Published 10/07/2018, 22:00
Updated 11/07/2018, 03:27
© Bloomberg. A customer handles various denominations of Philippine peso banknotes at a market stall in the Tondo district of Manila, the Philippines, on Thursday, Nov. 19, 2015. Philippine gross domestic product (GDP) growth is expected to accelerate in the second half of the fiscal year and the macroeconomic situation will remain sound moving forward, said Bangko Sentral Governor Amando Tetangco on Nov. 18. Photographer: Bloomberg/Bloomberg

(Bloomberg) -- The peso near a 12-year low is providing some relief to Philippine exporters, who risk losing some tax perks and are facing tighter labor policies, the top executive for the electronics and semiconductor industry said.

“In general, it’s a blessing that the peso has weakened,” Dan Lachica, head of the Semiconductor and Electronics Industries in the Philippines, Inc., said in an interview.
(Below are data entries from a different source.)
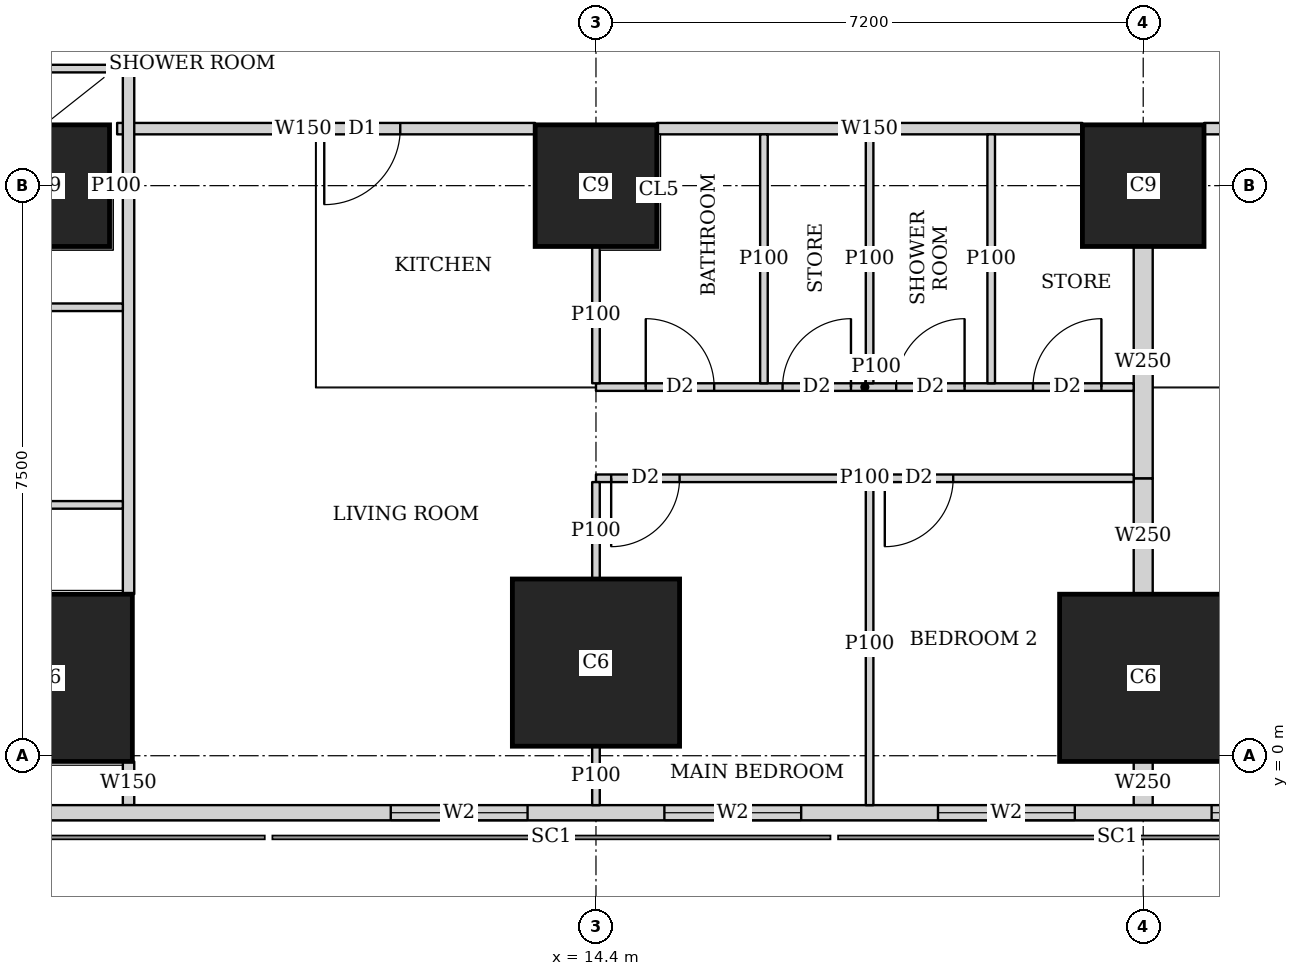
"""IFC4 building model, lengths in metres.
Left out: names, types, materials, properties, quantities, classifications, styles, units other than length and angle.
Written with IfcOpenShell. Run it as: python <this file> out.ifc"""

import sys

from ifc_helpers import new_model, si_unit, direction, frame, frame_2d, origin, origin_2d, place, context, subcontext, project, spatial, rectangle, extrude, element, fill, save


model = new_model("IFC4")
c1 = context("Model", 3, precision=1e-05, world=origin(), true_north=direction((0.0, 1.0)))
c2 = subcontext(c1, "Body", "Model", "MODEL_VIEW")
j1 = project(units=[si_unit("LENGTHUNIT", "METRE"), si_unit("PLANEANGLEUNIT", "RADIAN")], contexts=[c1])
p1 = place(None, origin())
s1 = spatial("IfcSite", under=j1, at=p1, CompositionType="ELEMENT")
p2 = place(p1, origin())
s2 = spatial("IfcBuilding", under=s1, at=p2, CompositionType="ELEMENT")
p3 = place(p2, frame((0.0, 0.0, 100.4)))
s3 = spatial("IfcBuildingStorey", under=s2, at=p3, CompositionType="ELEMENT", Elevation=100.4)
for number, where, z_axis, x_axis in (
    (1, (7.2, 1.025, 0.0), (0.0, 0.0, 1.0), (1.0, 0.0, 0.0)),
    (2, (14.4, 1.225, 0.0), (0.0, 0.0, 1.0), (1.0, 0.0, 0.0)),
    (3, (21.6, 1.025, 0.0), (0.0, 0.0, 1.0), (1.0, 0.0, 0.0)),
):
    element("IfcColumn", number, at=place(p3, frame(where, z_axis=z_axis, x_axis=x_axis)), inside=s3, PredefinedType="COLUMN", context=c2, shape_type="SweptSolid", body=[
        extrude(rectangle(XDim=2.2, YDim=2.2, at=origin_2d()), origin(), (0.0, 0.0, 1.0), 3.75),
    ])
for number, where, z_axis, x_axis in (
    (4, (7.2, 7.5, 0.0), (0.0, 0.0, 1.0), (1.0, 0.0, 0.0)),
    (5, (14.4, 7.5, 0.0), (0.0, 0.0, 1.0), (1.0, 0.0, 0.0)),
    (6, (21.6, 7.5, 0.0), (0.0, 0.0, 1.0), (1.0, 0.0, 0.0)),
):
    element("IfcColumn", number, at=place(p3, frame(where, z_axis=z_axis, x_axis=x_axis)), inside=s3, PredefinedType="COLUMN", context=c2, shape_type="SweptSolid", body=[
        extrude(rectangle(XDim=1.6, YDim=1.6, at=origin_2d()), origin(), (0.0, 0.0, 1.0), 3.75),
    ])
p4 = place(p3, frame((2.163, -0.75, 0.0), z_axis=(0.0, 0.0, 1.0), x_axis=(1.0, 0.0, 0.0)))
e7 = element("IfcWall", 7, at=p4, inside=s3, PredefinedType="SOLIDWALL", context=c2, shape_type="SweptSolid", body=[
    extrude(rectangle(XDim=45.628, YDim=0.2, at=frame_2d((22.814, 0.0))), origin(), (0.0, 0.0, 1.0), 3.5),
])
p5 = place(p4, frame((9.537, 0.0, 0.9)))
e8 = element("IfcOpeningElement", 8, at=p5, cuts=e7, PredefinedType="OPENING", context=c2, shape_type="SweptSolid", body=[
    extrude(rectangle(XDim=1.8, YDim=1.5, at=frame_2d((0.9, 0.75))), frame((0.0, 0.11, 0.0), z_axis=(0.0, -1.0, 0.0), x_axis=(1.0, 0.0, 0.0)), (0.0, 0.0, 1.0), 0.22),
])
p6 = place(p4, frame((13.137, 0.0, 0.9)))
e9 = element("IfcOpeningElement", 9, at=p6, cuts=e7, PredefinedType="OPENING", context=c2, shape_type="SweptSolid", body=[
    extrude(rectangle(XDim=1.8, YDim=1.5, at=frame_2d((0.9, 0.75))), frame((0.0, 0.11, 0.0), z_axis=(0.0, -1.0, 0.0), x_axis=(1.0, 0.0, 0.0)), (0.0, 0.0, 1.0), 0.22),
])
p7 = place(p4, frame((16.737, 0.0, 0.9)))
e10 = element("IfcOpeningElement", 10, at=p7, cuts=e7, PredefinedType="OPENING", context=c2, shape_type="SweptSolid", body=[
    extrude(rectangle(XDim=1.8, YDim=1.5, at=frame_2d((0.9, 0.75))), frame((0.0, 0.11, 0.0), z_axis=(0.0, -1.0, 0.0), x_axis=(1.0, 0.0, 0.0)), (0.0, 0.0, 1.0), 0.22),
])
p8 = place(p4, frame((20.337, 0.0, 0.9)))
e11 = element("IfcOpeningElement", 11, at=p8, cuts=e7, PredefinedType="OPENING", context=c2, shape_type="SweptSolid", body=[
    extrude(rectangle(XDim=1.8, YDim=1.5, at=frame_2d((0.9, 0.75))), frame((0.0, 0.11, 0.0), z_axis=(0.0, -1.0, 0.0), x_axis=(1.0, 0.0, 0.0)), (0.0, 0.0, 1.0), 0.22),
])
p9 = place(p4, frame((23.937, 0.0, 0.9)))
e12 = element("IfcOpeningElement", 12, at=p9, cuts=e7, PredefinedType="OPENING", context=c2, shape_type="SweptSolid", body=[
    extrude(rectangle(XDim=1.8, YDim=1.5, at=frame_2d((0.9, 0.75))), frame((0.0, 0.11, 0.0), z_axis=(0.0, -1.0, 0.0), x_axis=(1.0, 0.0, 0.0)), (0.0, 0.0, 1.0), 0.22),
])
p10 = place(p4, frame((27.537, 0.0, 0.9)))
e13 = element("IfcOpeningElement", 13, at=p10, cuts=e7, PredefinedType="OPENING", context=c2, shape_type="SweptSolid", body=[
    extrude(rectangle(XDim=1.8, YDim=1.5, at=frame_2d((0.9, 0.75))), frame((0.0, 0.11, 0.0), z_axis=(0.0, -1.0, 0.0), x_axis=(1.0, 0.0, 0.0)), (0.0, 0.0, 1.0), 0.22),
])
p11 = place(p4, frame((31.137, 0.0, 0.9)))
e14 = element("IfcOpeningElement", 14, at=p11, cuts=e7, PredefinedType="OPENING", context=c2, shape_type="SweptSolid", body=[
    extrude(rectangle(XDim=1.8, YDim=1.5, at=frame_2d((0.9, 0.75))), frame((0.0, 0.11, 0.0), z_axis=(0.0, -1.0, 0.0), x_axis=(1.0, 0.0, 0.0)), (0.0, 0.0, 1.0), 0.22),
])
p12 = place(p4, frame((34.737, 0.0, 0.9)))
e15 = element("IfcOpeningElement", 15, at=p12, cuts=e7, PredefinedType="OPENING", context=c2, shape_type="SweptSolid", body=[
    extrude(rectangle(XDim=1.8, YDim=1.5, at=frame_2d((0.9, 0.75))), frame((0.0, 0.11, 0.0), z_axis=(0.0, -1.0, 0.0), x_axis=(1.0, 0.0, 0.0)), (0.0, 0.0, 1.0), 0.22),
])
p13 = place(p3, frame((8.25, -0.65, 0.0), z_axis=(0.0, 0.0, 1.0), x_axis=(0.0, 1.0, 0.0)))
e16 = element("IfcWall", 16, at=p13, inside=s3, PredefinedType="SOLIDWALL", context=c2, shape_type="SweptSolid", body=[
    extrude(rectangle(XDim=0.574, YDim=0.15, at=frame_2d((0.287, 0.0))), origin(), (0.0, 0.0, 1.0), 3.5),
])
p14 = place(p3, frame((8.25, 2.126, 0.0), z_axis=(0.0, 0.0, 1.0), x_axis=(0.0, 1.0, 0.0)))
e17 = element("IfcWall", 17, at=p14, inside=s3, PredefinedType="SOLIDWALL", context=c2, shape_type="SweptSolid", body=[
    extrude(rectangle(XDim=40.773, YDim=0.15, at=frame_2d((20.386, 0.0))), origin(), (0.0, 0.0, 1.0), 3.5),
])
p15 = place(p14, frame((10.286, 0.0, 0.0)))
e18 = element("IfcOpeningElement", 18, at=p15, cuts=e17, PredefinedType="OPENING", context=c2, shape_type="SweptSolid", body=[
    extrude(rectangle(XDim=1.0, YDim=2.1, at=frame_2d((0.5, 1.05))), frame((0.0, 0.085, 0.0), z_axis=(0.0, -1.0, 0.0), x_axis=(1.0, 0.0, 0.0)), (0.0, 0.0, 1.0), 0.17),
])
p16 = place(p14, frame((14.461, 0.0, 0.0)))
e19 = element("IfcOpeningElement", 19, at=p16, cuts=e17, PredefinedType="OPENING", context=c2, shape_type="SweptSolid", body=[
    extrude(rectangle(XDim=1.0, YDim=2.1, at=frame_2d((0.5, 1.05))), frame((0.0, 0.085, 0.0), z_axis=(0.0, -1.0, 0.0), x_axis=(1.0, 0.0, 0.0)), (0.0, 0.0, 1.0), 0.17),
])
p17 = place(p14, frame((25.287, 0.0, 0.0)))
e20 = element("IfcOpeningElement", 20, at=p17, cuts=e17, PredefinedType="OPENING", context=c2, shape_type="SweptSolid", body=[
    extrude(rectangle(XDim=1.0, YDim=2.1, at=frame_2d((0.5, 1.05))), frame((0.0, 0.085, 0.0), z_axis=(0.0, -1.0, 0.0), x_axis=(1.0, 0.0, 0.0)), (0.0, 0.0, 1.0), 0.17),
])
p18 = place(p14, frame((32.787, 0.0, 0.0)))
e21 = element("IfcOpeningElement", 21, at=p18, cuts=e17, PredefinedType="OPENING", context=c2, shape_type="SweptSolid", body=[
    extrude(rectangle(XDim=1.0, YDim=2.1, at=frame_2d((0.5, 1.05))), frame((0.0, 0.085, 0.0), z_axis=(0.0, -1.0, 0.0), x_axis=(1.0, 0.0, 0.0)), (0.0, 0.0, 1.0), 0.17),
])
p19 = place(p3, frame((27.999, 8.25, 0.0), z_axis=(0.0, 0.0, 1.0), x_axis=(-1.0, 0.0, 0.0)))
e22 = element("IfcWall", 22, at=p19, inside=s3, PredefinedType="SOLIDWALL", context=c2, shape_type="SweptSolid", body=[
    extrude(rectangle(XDim=5.598, YDim=0.15, at=frame_2d((2.799, 0.0))), origin(), (0.0, 0.0, 1.0), 3.5),
])
p20 = place(p19, frame((3.899, 0.0, 0.0)))
e23 = element("IfcOpeningElement", 23, at=p20, cuts=e22, PredefinedType="OPENING", context=c2, shape_type="SweptSolid", body=[
    extrude(rectangle(XDim=1.0, YDim=2.1, at=frame_2d((0.5, 1.05))), frame((0.0, 0.085, 0.0), z_axis=(0.0, -1.0, 0.0), x_axis=(1.0, 0.0, 0.0)), (0.0, 0.0, 1.0), 0.17),
])
p21 = place(p3, frame((20.799, 8.25, 0.0), z_axis=(0.0, 0.0, 1.0), x_axis=(-1.0, 0.0, 0.0)))
e24 = element("IfcWall", 24, at=p21, inside=s3, PredefinedType="SOLIDWALL", context=c2, shape_type="SweptSolid", body=[
    extrude(rectangle(XDim=5.598, YDim=0.15, at=frame_2d((2.799, 0.0))), origin(), (0.0, 0.0, 1.0), 3.5),
])
p22 = place(p3, frame((13.599, 8.25, 0.0), z_axis=(0.0, 0.0, 1.0), x_axis=(-1.0, 0.0, 0.0)))
e25 = element("IfcWall", 25, at=p22, inside=s3, PredefinedType="SOLIDWALL", context=c2, shape_type="SweptSolid", body=[
    extrude(rectangle(XDim=5.499, YDim=0.15, at=frame_2d((2.75, 0.0))), origin(), (0.0, 0.0, 1.0), 3.5),
])
p23 = place(p22, frame((1.774, 0.0, 0.0)))
e26 = element("IfcOpeningElement", 26, at=p23, cuts=e25, PredefinedType="OPENING", context=c2, shape_type="SweptSolid", body=[
    extrude(rectangle(XDim=1.0, YDim=2.1, at=frame_2d((0.5, 1.05))), frame((0.0, 0.085, 0.0), z_axis=(0.0, -1.0, 0.0), x_axis=(1.0, 0.0, 0.0)), (0.0, 0.0, 1.0), 0.17),
])
p24 = place(p3, frame((8.001, 7.5, 0.0), z_axis=(0.0, 0.0, 1.0), x_axis=(1.0, 0.0, 0.0)))
e27 = element("IfcWall", 27, at=p24, inside=s3, PredefinedType="PARTITIONING", context=c2, shape_type="SweptSolid", body=[
    extrude(rectangle(XDim=0.174, YDim=0.1, at=frame_2d((0.087, 0.0))), origin(), (0.0, 0.0, 1.0), 3.5),
])
for number, where, z_axis, x_axis in (
    (28, (4.9, 9.04, 0.0), (0.0, 0.0, 1.0), (1.0, 0.0, 0.0)),
    (29, (4.9, 5.9, 0.0), (0.0, 0.0, 1.0), (1.0, 0.0, 0.0)),
):
    element("IfcWall", number, at=place(p3, frame(where, z_axis=z_axis, x_axis=x_axis)), inside=s3, PredefinedType="PARTITIONING", context=c2, shape_type="SweptSolid", body=[
        extrude(rectangle(XDim=3.275, YDim=0.1, at=frame_2d((1.638, 0.0))), origin(), (0.0, 0.0, 1.0), 3.5),
    ])
p25 = place(p3, frame((21.475, 3.65, 0.0), z_axis=(0.0, 0.0, 1.0), x_axis=(-1.0, 0.0, 0.0)))
e30 = element("IfcWall", 30, at=p25, inside=s3, PredefinedType="PARTITIONING", context=c2, shape_type="SweptSolid", body=[
    extrude(rectangle(XDim=7.075, YDim=0.1, at=frame_2d((3.538, 0.0))), origin(), (0.0, 0.0, 1.0), 3.5),
])
p26 = place(p25, frame((5.975, 0.0, 0.0)))
e31 = element("IfcOpeningElement", 31, at=p26, cuts=e30, PredefinedType="OPENING", context=c2, shape_type="SweptSolid", body=[
    extrude(rectangle(XDim=0.9, YDim=2.1, at=frame_2d((0.45, 1.05))), frame((0.0, 0.06, 0.0), z_axis=(0.0, -1.0, 0.0), x_axis=(1.0, 0.0, 0.0)), (0.0, 0.0, 1.0), 0.12),
])
p27 = place(p25, frame((2.375, 0.0, 0.0)))
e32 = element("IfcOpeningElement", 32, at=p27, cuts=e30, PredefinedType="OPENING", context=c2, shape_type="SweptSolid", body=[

Even if 70 percent of the industry’s inputs are imported and affected by the 6.7 percent drop in the peso, with revenues in U.S. currency “you’re able to stretch the value of your earnings.”

What alarms SEIPI, the nation’s largest grouping of foreign and local electronics companies, is the government’s push to remove tax perks and its crackdown on labor contracting amid higher production costs as faster inflation trims the purchasing power of the peso, Lachica said on July 9. The peso is among the worst performers in Asia this year along with the Indian rupee and Indonesian rupiah.

The industry, which accounts for about half of Philippine exports, is only now regaining its footing as foreign investors get used to President Rodrigo Duterte’s outbursts against the U.S. during his first year in office in 2016, said Lachica. Recent challenges may slow the recovery in exports, which grew 11 percent in 2017 after a dismal 0.1 percent gain in 2016.

Read: Weak Peso, Trade Gap Are Boon to Philippines, Finance Chief Says

Shipments of electronics and semiconductors are forecast to rise 6 percent this year even as total exports contracted for a fifth month in May, Lachica said. The 320-member SEIPI, which accounts for about 10 percent of the country’s gross domestic product, targets to increase total shipments to more than $50 billion by 2030 compared with $32.7 billion as of end-2017.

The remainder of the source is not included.